Spotify Is Crazy To Forecast 50 Million U.S. Users In A Year - earbitscom
http://www.sfgate.com/cgi-bin/article.cgi?f=/g/a/2011/07/08/businessinsider-spotify-is-on-crack-if-they-really-think-theyll-get-50-million-us-users-in-a-year-2011-7.DTL
======
kalleboo
IMHO Spotify stopped being interesting when they had to drop their ad-
supported all-you-can-eat free tier. That's what really drove growth in Europe
and make it ubiquitous here in Sweden.

Now that that's gone, they're just another dime-a-dozen paid music streaming
services that nobody wants to pay for.

edit: For anyone wondering what the big deal with Spotify is, is that it was
completely free. Anyone could just download the app, and then listen to any
song they wanted to, legally, completely free - there were just short ad
breaks every couple of songs. This free legal option meant that there was zero
reason to pirate music anymore, so everyone flocked to it.

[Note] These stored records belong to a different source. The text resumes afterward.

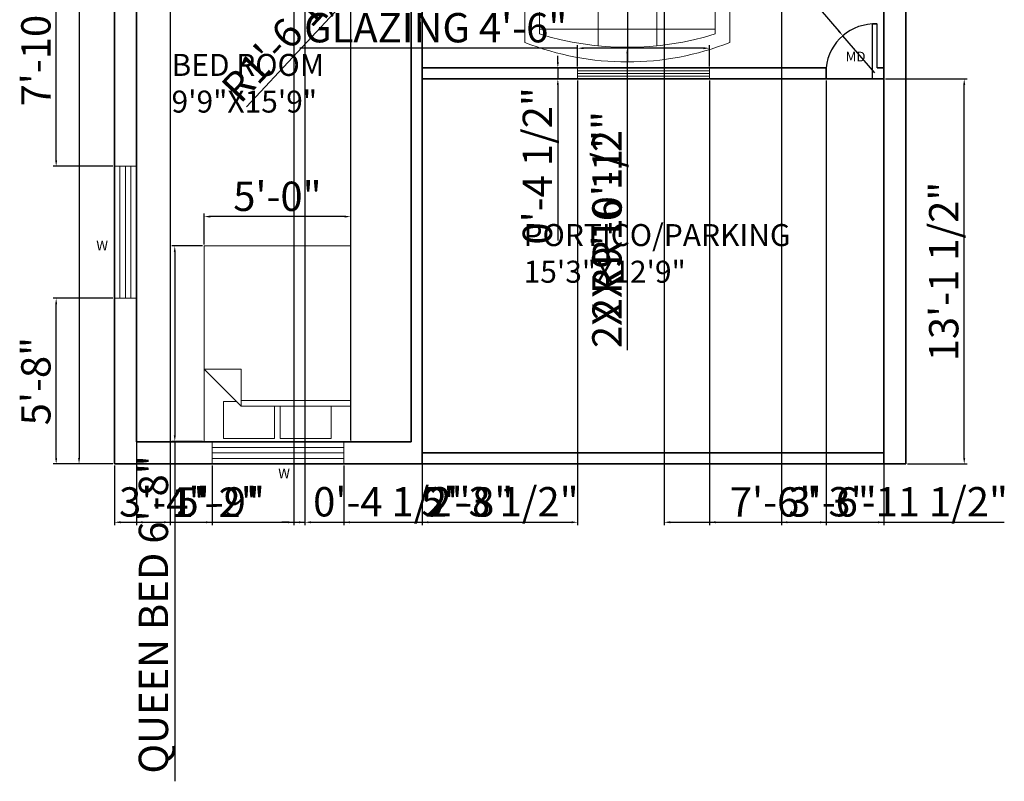
# Model space of a CAD drawing. Units: inches. Extents: x 2691 to 3133, y 1294 to 1993.
# Tile 1 of 7: x 2729 to 3133, y 1294 to 1606. Entities that reach past the tile are written whole.
import ezdxf

# ---------------------------------------------------------------- set-up
doc = ezdxf.new("R2010")
doc.units = ezdxf.units.IN
for name, color, linetype, lineweight in [('A-ANNO-DIMS', 2, 'Continuous', 18), ('A-ANNO-TEXT', 7, 'Continuous', 18), ('A-AREA-IDEN', 7, 'Continuous', 25), ('A-DOOR', 3, 'Continuous', 25), ('A-FURN', 8, 'Continuous', 18), ('A-GLAZ', 4, 'Continuous', 18), ('A-WALL', 7, 'Continuous', 35)]:
    doc.layers.add(name, color=color, linetype=linetype, lineweight=lineweight)
doc.styles.get("Standard").update_dxf_attribs({"font": 'arial.ttf'})
doc.dimstyles.new('ISO-25', dxfattribs={"dimtxt": 12, "dimasz": 2.5, "dimexe": 1.25, "dimexo": 0.625, "dimtad": 1, "dimdec": 1, "dimlunit": 3, "dimtxsty": 'Standard', "dimcen": 2.5, "dimadec": 0, "dimazin": 0, "dimtfac": 1, "dimtdec": 1, "dimtmove": 0, "dimatfit": 3, "dimfxl": 1, "dimarcsym": 0})

# ---------------------------------------------------------------- blocks, each defined once
blk = doc.blocks.new('Window - Wood Frame 36 in. Wide plan')
for p, q in [((0, 6), (0, 0)), ((36, 6), (36, 0)), ((0, 4.5), (36, 4.5)), ((0, 3), (36, 3)), ((0, 1.5), (36, 1.5))]:
    blk.add_line(p, q)
blk = doc.blocks.new('Sofa - Roundback 7 ft.')
for p, q in [((-12.00002, -32.4421), (-12.00003, -6.5971)), ((11.99997, -32.4421), (11.99998, -6.5971)), ((-36.000027, -34), (-36.000027, -11.4696)), ((35.99998, -34), (35.99998, -11.4696)), ((-35.999844, -13.3819), (35.9998, -13.3819)), ((-36.000027, -32.4421), (35.99998, -32.4421))]:
    blk.add_line(p, q)
for points in [[(-36.000027, -34), (-42.000027, -34), (-42.000027, -8)], [(41.99998, -8), (41.99998, -34), (35.99998, -34)]]:
    blk.add_lwpolyline(points)
for centre, radius, start, end in [((0, -114.25), 114.25, 68.43141, 111.5686), ((-0.00001, -127.1968), 121.1968, 72.72033, 107.2797)]:
    blk.add_arc(centre, radius, start, end)
blk = doc.blocks.new('Bed - Queen')
for p, q in [((0, -80.00003), (0, 0)), ((0, 0), (59.99999, 0)), ((59.99999, 0), (59.99999, -80.00003)), ((7.99999, -1.2), (28.79998, -1.2)), ((7.99999, -14.4), (7.99999, -1.2)), ((28.79998, -1.2), (28.79998, -14.4)), ((31.19999, -1.2), (51.99999, -1.2)), ((31.19999, -14.4), (31.19999, -1.2)), ((51.99999, -1.2), (51.99999, -16.4)), ((0, -14.4), (44.8, -14.4)), ((59.99999, -29.6), (44.8, -14.4)), ((44.8, -14.4), (44.8, -29.6)), ((44.8, -16.8), (0, -16.8)), ((51.99999, -16.4), (46.79936, -16.4)), ((44.8, -29.6), (59.99999, -29.6)), ((59.99999, -80.00003), (0, -80.00003))]:
    blk.add_line(p, q)
blk = doc.blocks.new('*D11')
at = {"layer": 'A-ANNO-DIMS', "color": 0, "lineweight": -2, "transparency": 16777216}
for p, q in [((2767.62, 1880.05), (2752.52, 1880.05)), ((2753.77, 1877.55), (2753.77, 1426.55)), ((2767.62, 1424.05), (2752.52, 1424.05))]:
    blk.add_line(p, q, dxfattribs=at)
at = {"layer": 'A-ANNO-DIMS', "color": 0, "transparency": 16777216}
for points in [[(2753.35, 1877.55), (2754.18, 1877.55), (2753.77, 1880.05)], [(2753.35, 1426.55), (2754.18, 1426.55), (2753.77, 1424.05)]]:
    blk.add_solid(points, dxfattribs=at)
at = {"layer": 'Defpoints', "color": 0, "transparency": 16777216}
for p in [(2768.25, 1880.05), (2753.77, 1424.05), (2768.25, 1424.05)]:
    blk.add_point(p, dxfattribs=at)
at = {"layer": 'A-ANNO-DIMS', "color": 0, "transparency": 16777216, "insert": (2747.01, 1652.05), "char_height": 12, "attachment_point": 5, "rotation": 90}
blk.add_mtext("38'", dxfattribs=at)
blk = doc.blocks.new('DOOR-LEAF-WIDE')
for p, q in [((0, 0), (0, 22.5)), ((2, 18), (2, 0)), ((2, 0), (0, 0))]:
    blk.add_line(p, q)
blk = doc.blocks.new('*D16')
at = {"layer": 'A-ANNO-DIMS', "color": 0, "lineweight": -2, "transparency": 16777216}
for p, q in [((2957.85, 1594.15), (2844.15, 1594.15)), ((2957.85, 1586.68), (2957.85, 1595.4)), ((3009.35, 1594.15), (2960.35, 1594.15)), ((3011.85, 1586.68), (3011.85, 1595.4))]:
    blk.add_line(p, q, dxfattribs=at)
at = {"layer": 'A-ANNO-DIMS', "color": 0, "transparency": 16777216}
for points in [[(2960.35, 1594.57), (2960.35, 1593.74), (2957.85, 1594.15)], [(3009.35, 1594.57), (3009.35, 1593.74), (3011.85, 1594.15)]]:
    blk.add_solid(points, dxfattribs=at)
at = {"layer": 'Defpoints', "color": 0, "transparency": 16777216}
for p in [(2957.85, 1594.15), (2957.85, 1586.05), (3011.85, 1586.05)]:
    blk.add_point(p, dxfattribs=at)
at = {"layer": 'A-ANNO-DIMS', "color": 0, "transparency": 16777216, "insert": (2899.75, 1600.98), "char_height": 12, "attachment_point": 5}
blk.add_mtext('GLAZING 4\'-6"', dxfattribs=at)
blk = doc.blocks.new('*D17')
at = {"layer": 'A-ANNO-DIMS', "color": 0, "lineweight": -2, "transparency": 16777216}
for p, q in [((2949.75, 1588.55), (2949.75, 1591.05)), ((2957.22, 1586.05), (2948.5, 1586.05)), ((2949.75, 1586.05), (2949.75, 1581.55)), ((2957.22, 1581.55), (2948.5, 1581.55)), ((2949.75, 1579.05), (2949.75, 1515.44))]:
    blk.add_line(p, q, dxfattribs=at)
at = {"layer": 'A-ANNO-DIMS', "color": 0, "transparency": 16777216}
for points in [[(2949.33, 1588.55), (2950.16, 1588.55), (2949.75, 1586.05)], [(2949.33, 1579.05), (2950.16, 1579.05), (2949.75, 1581.55)]]:
    blk.add_solid(points, dxfattribs=at)
at = {"layer": 'Defpoints', "color": 0, "transparency": 16777216}
for p in [(2957.85, 1586.05), (2949.75, 1581.55), (2957.85, 1581.55)]:
    blk.add_point(p, dxfattribs=at)
at = {"layer": 'A-ANNO-DIMS', "color": 0, "transparency": 16777216, "insert": (2942.92, 1546), "char_height": 12, "attachment_point": 5, "rotation": 90}
blk.add_mtext('0\'-4 1/2"', dxfattribs=at)
blk = doc.blocks.new('*D32')
at = {"layer": 'A-ANNO-DIMS', "color": 0, "lineweight": -2, "transparency": 16777216}
for p, q in [((2804.33, 1513.26), (2791.71, 1513.26)), ((2792.96, 1510.76), (2792.96, 1435.76)), ((2804.33, 1433.26), (2791.71, 1433.26)), ((2792.96, 1433.26), (2792.96, 1294.23))]:
    blk.add_line(p, q, dxfattribs=at)
at = {"layer": 'A-ANNO-DIMS', "color": 0, "transparency": 16777216}
for points in [[(2792.54, 1510.76), (2793.37, 1510.76), (2792.96, 1513.26)], [(2792.54, 1435.76), (2793.37, 1435.76), (2792.96, 1433.26)]]:
    blk.add_solid(points, dxfattribs=at)
at = {"layer": 'Defpoints', "color": 0, "transparency": 16777216}
for p in [(2804.96, 1513.26), (2792.96, 1433.26), (2804.96, 1433.26)]:
    blk.add_point(p, dxfattribs=at)
at = {"layer": 'A-ANNO-DIMS', "color": 0, "transparency": 16777216, "insert": (2785.76, 1362.49), "char_height": 12, "attachment_point": 5, "rotation": 90}
blk.add_mtext('QUEEN BED 6\'-8"', dxfattribs=at)
blk = doc.blocks.new('*D33')
at = {"layer": 'A-ANNO-DIMS', "color": 0, "lineweight": -2, "transparency": 16777216}
for p, q in [((2804.96, 1513.88), (2804.96, 1526.51)), ((2862.46, 1525.26), (2807.46, 1525.26)), ((2864.96, 1513.88), (2864.96, 1526.51))]:
    blk.add_line(p, q, dxfattribs=at)
at = {"layer": 'A-ANNO-DIMS', "color": 0, "transparency": 16777216}
for points in [[(2807.46, 1525.67), (2807.46, 1524.84), (2804.96, 1525.26)], [(2862.46, 1525.67), (2862.46, 1524.84), (2864.96, 1525.26)]]:
    blk.add_solid(points, dxfattribs=at)
at = {"layer": 'Defpoints', "color": 0, "transparency": 16777216}
for p in [(2804.96, 1525.26), (2804.96, 1513.26), (2864.96, 1513.26)]:
    blk.add_point(p, dxfattribs=at)
at = {"layer": 'A-ANNO-DIMS', "color": 0, "transparency": 16777216, "insert": (2834.96, 1532.01), "char_height": 12, "attachment_point": 5}
blk.add_mtext('5\'-0"', dxfattribs=at)
blk = doc.blocks.new('*D41')
at = {"layer": 'A-ANNO-DIMS', "color": 0, "lineweight": -2, "transparency": 16777216}
for p, q in [((2768.25, 1423.43), (2768.25, 1398.95)), ((2808.21, 1423.43), (2808.21, 1398.95)), ((2770.75, 1400.2), (2805.71, 1400.2))]:
    blk.add_line(p, q, dxfattribs=at)
at = {"layer": 'A-ANNO-DIMS', "color": 0, "transparency": 16777216}
for points in [[(2770.75, 1400.62), (2770.75, 1399.79), (2768.25, 1400.2)], [(2805.71, 1400.62), (2805.71, 1399.79), (2808.21, 1400.2)]]:
    blk.add_solid(points, dxfattribs=at)
at = {"layer": 'Defpoints', "color": 0, "transparency": 16777216}
for p in [(2768.25, 1424.05), (2808.21, 1424.05), (2808.21, 1400.2)]:
    blk.add_point(p, dxfattribs=at)
at = {"layer": 'A-ANNO-DIMS', "color": 0, "transparency": 16777216, "insert": (2788.23, 1406.96), "char_height": 12, "attachment_point": 5}
blk.add_mtext('3\'-4"', dxfattribs=at)
blk = doc.blocks.new('*D42')
at = {"layer": 'A-ANNO-DIMS', "color": 0, "lineweight": -2, "transparency": 16777216}
for p, q in [((2862.21, 1423.43), (2862.21, 1398.95)), ((2894.25, 1423.43), (2894.25, 1398.95)), ((2864.71, 1400.2), (2891.75, 1400.2)), ((2894.25, 1400.2), (2930.1, 1400.2))]:
    blk.add_line(p, q, dxfattribs=at)
at = {"layer": 'A-ANNO-DIMS', "color": 0, "transparency": 16777216}
for points in [[(2864.71, 1400.62), (2864.71, 1399.79), (2862.21, 1400.2)], [(2891.75, 1400.62), (2891.75, 1399.79), (2894.25, 1400.2)]]:
    blk.add_solid(points, dxfattribs=at)
at = {"layer": 'Defpoints', "color": 0, "transparency": 16777216}
for p in [(2862.21, 1424.05), (2894.25, 1424.05), (2894.25, 1400.2)]:
    blk.add_point(p, dxfattribs=at)
at = {"layer": 'A-ANNO-DIMS', "color": 0, "transparency": 16777216, "insert": (2913.43, 1406.96), "char_height": 12, "attachment_point": 5}
blk.add_mtext('2\'-8"', dxfattribs=at)
blk = doc.blocks.new('*D43')
at = {"layer": 'A-ANNO-DIMS', "color": 0, "lineweight": -2, "transparency": 16777216}
for p, q in [((2767.62, 1491.83), (2743.15, 1491.83)), ((2744.4, 1426.55), (2744.4, 1489.33)), ((2767.62, 1424.05), (2743.15, 1424.05))]:
    blk.add_line(p, q, dxfattribs=at)
at = {"layer": 'A-ANNO-DIMS', "color": 0, "transparency": 16777216}
for points in [[(2743.98, 1489.33), (2744.82, 1489.33), (2744.4, 1491.83)], [(2743.98, 1426.55), (2744.82, 1426.55), (2744.4, 1424.05)]]:
    blk.add_solid(points, dxfattribs=at)
at = {"layer": 'Defpoints', "color": 0, "transparency": 16777216}
for p in [(2744.4, 1491.83), (2768.25, 1491.83), (2768.25, 1424.05)]:
    blk.add_point(p, dxfattribs=at)
at = {"layer": 'A-ANNO-DIMS', "color": 0, "transparency": 16777216, "insert": (2737.65, 1457.94), "char_height": 12, "attachment_point": 5, "rotation": 90}
blk.add_mtext('5\'-8"', dxfattribs=at)
blk = doc.blocks.new('*D44')
at = {"layer": 'A-ANNO-DIMS', "color": 0, "lineweight": -2, "transparency": 16777216}
for p, q in [((2776.62, 1640.05), (2743.15, 1640.05)), ((2744.4, 1548.33), (2744.4, 1637.55)), ((2767.62, 1545.83), (2743.15, 1545.83))]:
    blk.add_line(p, q, dxfattribs=at)
at = {"layer": 'A-ANNO-DIMS', "color": 0, "transparency": 16777216}
for points in [[(2743.98, 1637.55), (2744.82, 1637.55), (2744.4, 1640.05)], [(2743.98, 1548.33), (2744.82, 1548.33), (2744.4, 1545.83)]]:
    blk.add_solid(points, dxfattribs=at)
at = {"layer": 'Defpoints', "color": 0, "transparency": 16777216}
for p in [(2744.4, 1640.05), (2777.25, 1640.05), (2768.25, 1545.83)]:
    blk.add_point(p, dxfattribs=at)
at = {"layer": 'A-ANNO-DIMS', "color": 0, "transparency": 16777216, "insert": (2737.65, 1592.94), "char_height": 12, "attachment_point": 5, "rotation": 90}
blk.add_mtext('7\'-10"', dxfattribs=at)
blk = doc.blocks.new('*D47')
at = {"layer": 'A-ANNO-DIMS', "color": 0, "lineweight": -2, "transparency": 16777216}
for p, q in [((3083.87, 1581.55), (3117.35, 1581.55)), ((3116.1, 1426.55), (3116.1, 1579.05)), ((3092.87, 1424.05), (3117.35, 1424.05))]:
    blk.add_line(p, q, dxfattribs=at)
at = {"layer": 'A-ANNO-DIMS', "color": 0, "transparency": 16777216}
for points in [[(3115.68, 1579.05), (3116.52, 1579.05), (3116.1, 1581.55)], [(3115.68, 1426.55), (3116.52, 1426.55), (3116.1, 1424.05)]]:
    blk.add_solid(points, dxfattribs=at)
at = {"layer": 'Defpoints', "color": 0, "transparency": 16777216}
for p in [(3083.25, 1581.55), (3116.1, 1581.55), (3092.25, 1424.05)]:
    blk.add_point(p, dxfattribs=at)
at = {"layer": 'A-ANNO-DIMS', "color": 0, "transparency": 16777216, "insert": (3109.27, 1502.8), "char_height": 12, "attachment_point": 5, "rotation": 90}
blk.add_mtext('13\'-1 1/2"', dxfattribs=at)
blk = doc.blocks.new('*D48')
at = {"layer": 'A-ANNO-DIMS', "color": 0, "lineweight": -2, "transparency": 16777216}
for p, q in [((2894.25, 1580.93), (2894.25, 1398.95)), ((2957.85, 1580.93), (2957.85, 1398.95)), ((2896.75, 1400.2), (2955.35, 1400.2))]:
    blk.add_line(p, q, dxfattribs=at)
at = {"layer": 'A-ANNO-DIMS', "color": 0, "transparency": 16777216}
for points in [[(2896.75, 1400.62), (2896.75, 1399.79), (2894.25, 1400.2)], [(2955.35, 1400.62), (2955.35, 1399.79), (2957.85, 1400.2)]]:
    blk.add_solid(points, dxfattribs=at)
at = {"layer": 'Defpoints', "color": 0, "transparency": 16777216}
for p in [(2894.25, 1581.55), (2957.85, 1581.55), (2957.85, 1400.2)]:
    blk.add_point(p, dxfattribs=at)
at = {"layer": 'A-ANNO-DIMS', "color": 0, "transparency": 16777216, "insert": (2926.05, 1407.04), "char_height": 12, "attachment_point": 5}
blk.add_mtext('5\'-3 1/2"', dxfattribs=at)
blk = doc.blocks.new('*D49')
at = {"layer": 'A-ANNO-DIMS', "color": 0, "lineweight": -2, "transparency": 16777216}
for p, q in [((2993.25, 1870.43), (2993.25, 1398.95)), ((3083.25, 1870.43), (3083.25, 1398.95)), ((2995.75, 1400.2), (3080.75, 1400.2))]:
    blk.add_line(p, q, dxfattribs=at)
at = {"layer": 'A-ANNO-DIMS', "color": 0, "transparency": 16777216}
for points in [[(2995.75, 1400.62), (2995.75, 1399.79), (2993.25, 1400.2)], [(3080.75, 1400.62), (3080.75, 1399.79), (3083.25, 1400.2)]]:
    blk.add_solid(points, dxfattribs=at)
at = {"layer": 'Defpoints', "color": 0, "transparency": 16777216}
for p in [(2993.25, 1871.05), (3083.25, 1871.05), (3083.25, 1400.2)]:
    blk.add_point(p, dxfattribs=at)
at = {"layer": 'A-ANNO-DIMS', "color": 0, "transparency": 16777216, "insert": (3038.25, 1406.96), "char_height": 12, "attachment_point": 5}
blk.add_mtext('7\'-6"', dxfattribs=at)
blk = doc.blocks.new('*D52')
at = {"layer": 'A-ANNO-DIMS', "color": 0, "lineweight": -2, "transparency": 16777216}
for p, q in [((3041.25, 1747.43), (3041.25, 1398.95)), ((3083.25, 1747.43), (3083.25, 1398.95)), ((3043.75, 1400.2), (3080.75, 1400.2))]:
    blk.add_line(p, q, dxfattribs=at)
at = {"layer": 'A-ANNO-DIMS', "color": 0, "transparency": 16777216}
for points in [[(3043.75, 1400.62), (3043.75, 1399.79), (3041.25, 1400.2)], [(3080.75, 1400.62), (3080.75, 1399.79), (3083.25, 1400.2)]]:
    blk.add_solid(points, dxfattribs=at)
at = {"layer": 'Defpoints', "color": 0, "transparency": 16777216}
for p in [(3041.25, 1748.05), (3083.25, 1748.05), (3083.25, 1400.2)]:
    blk.add_point(p, dxfattribs=at)
at = {"layer": 'A-ANNO-DIMS', "color": 0, "transparency": 16777216, "insert": (3062.25, 1406.96), "char_height": 12, "attachment_point": 5}
blk.add_mtext('3\'-6"', dxfattribs=at)
blk = doc.blocks.new('*D53')
at = {"layer": 'A-ANNO-DIMS', "color": 0, "lineweight": -2, "transparency": 16777216}
for p, q in [((3011.85, 1580.93), (3011.85, 1398.95)), ((3059.53, 1580.93), (3059.53, 1398.95)), ((3014.35, 1400.2), (3057.03, 1400.2)), ((3059.53, 1400.2), (3132.46, 1400.2))]:
    blk.add_line(p, q, dxfattribs=at)
at = {"layer": 'A-ANNO-DIMS', "color": 0, "transparency": 16777216}
for points in [[(3014.35, 1400.62), (3014.35, 1399.79), (3011.85, 1400.2)], [(3057.03, 1400.62), (3057.03, 1399.79), (3059.53, 1400.2)]]:
    blk.add_solid(points, dxfattribs=at)
at = {"layer": 'Defpoints', "color": 0, "transparency": 16777216}
for p in [(3011.85, 1581.55), (3059.53, 1581.55), (3059.53, 1400.2)]:
    blk.add_point(p, dxfattribs=at)
at = {"layer": 'A-ANNO-DIMS', "color": 0, "transparency": 16777216, "insert": (3097.25, 1407.04), "char_height": 12, "attachment_point": 5}
blk.add_mtext('3\'-11 1/2"', dxfattribs=at)
blk = doc.blocks.new('*D55')
at = {"layer": 'A-ANNO-DIMS', "color": 0, "lineweight": -2, "transparency": 16777216}
for p, q in [((2841.75, 1643.93), (2841.75, 1398.95)), ((2846.25, 1643.93), (2846.25, 1398.95)), ((2839.25, 1400.2), (2836.75, 1400.2)), ((2841.75, 1400.2), (2846.25, 1400.2)), ((2848.75, 1400.2), (2912.36, 1400.2))]:
    blk.add_line(p, q, dxfattribs=at)
at = {"layer": 'A-ANNO-DIMS', "color": 0, "transparency": 16777216}
for points in [[(2839.25, 1400.62), (2839.25, 1399.79), (2841.75, 1400.2)], [(2848.75, 1400.62), (2848.75, 1399.79), (2846.25, 1400.2)]]:
    blk.add_solid(points, dxfattribs=at)
at = {"layer": 'Defpoints', "color": 0, "transparency": 16777216}
for p in [(2841.75, 1644.55), (2846.25, 1644.55), (2846.25, 1400.2)]:
    blk.add_point(p, dxfattribs=at)
at = {"layer": 'A-ANNO-DIMS', "color": 0, "transparency": 16777216, "insert": (2881.8, 1407.03), "char_height": 12, "attachment_point": 5}
blk.add_mtext('0\'-4 1/2"', dxfattribs=at)
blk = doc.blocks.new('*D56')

If you paid €10/mo you got a higher bitrate, no ads, offline playing and
access to the iPhone/Android apps. The pay option was attractive if you were
going to have a party (ads are a turnoff in situations like that), or when you
end up requiring the iPhone app since you don't have any music files to put on
your MP3 player anymore since you've just been listening to everything on
Spotify...

The record companies really hated giving away music (despite Spotify being a
goldmine for them - Spotify is currently the #1 single source of income for
record labels in Sweden, making them more money than any single retailer), so
they had to kill it a couple months back (rumor has it they had to kill it in
order to secure U.S. rights).

Without the completely free tier, they'll have a really hard time getting new
users.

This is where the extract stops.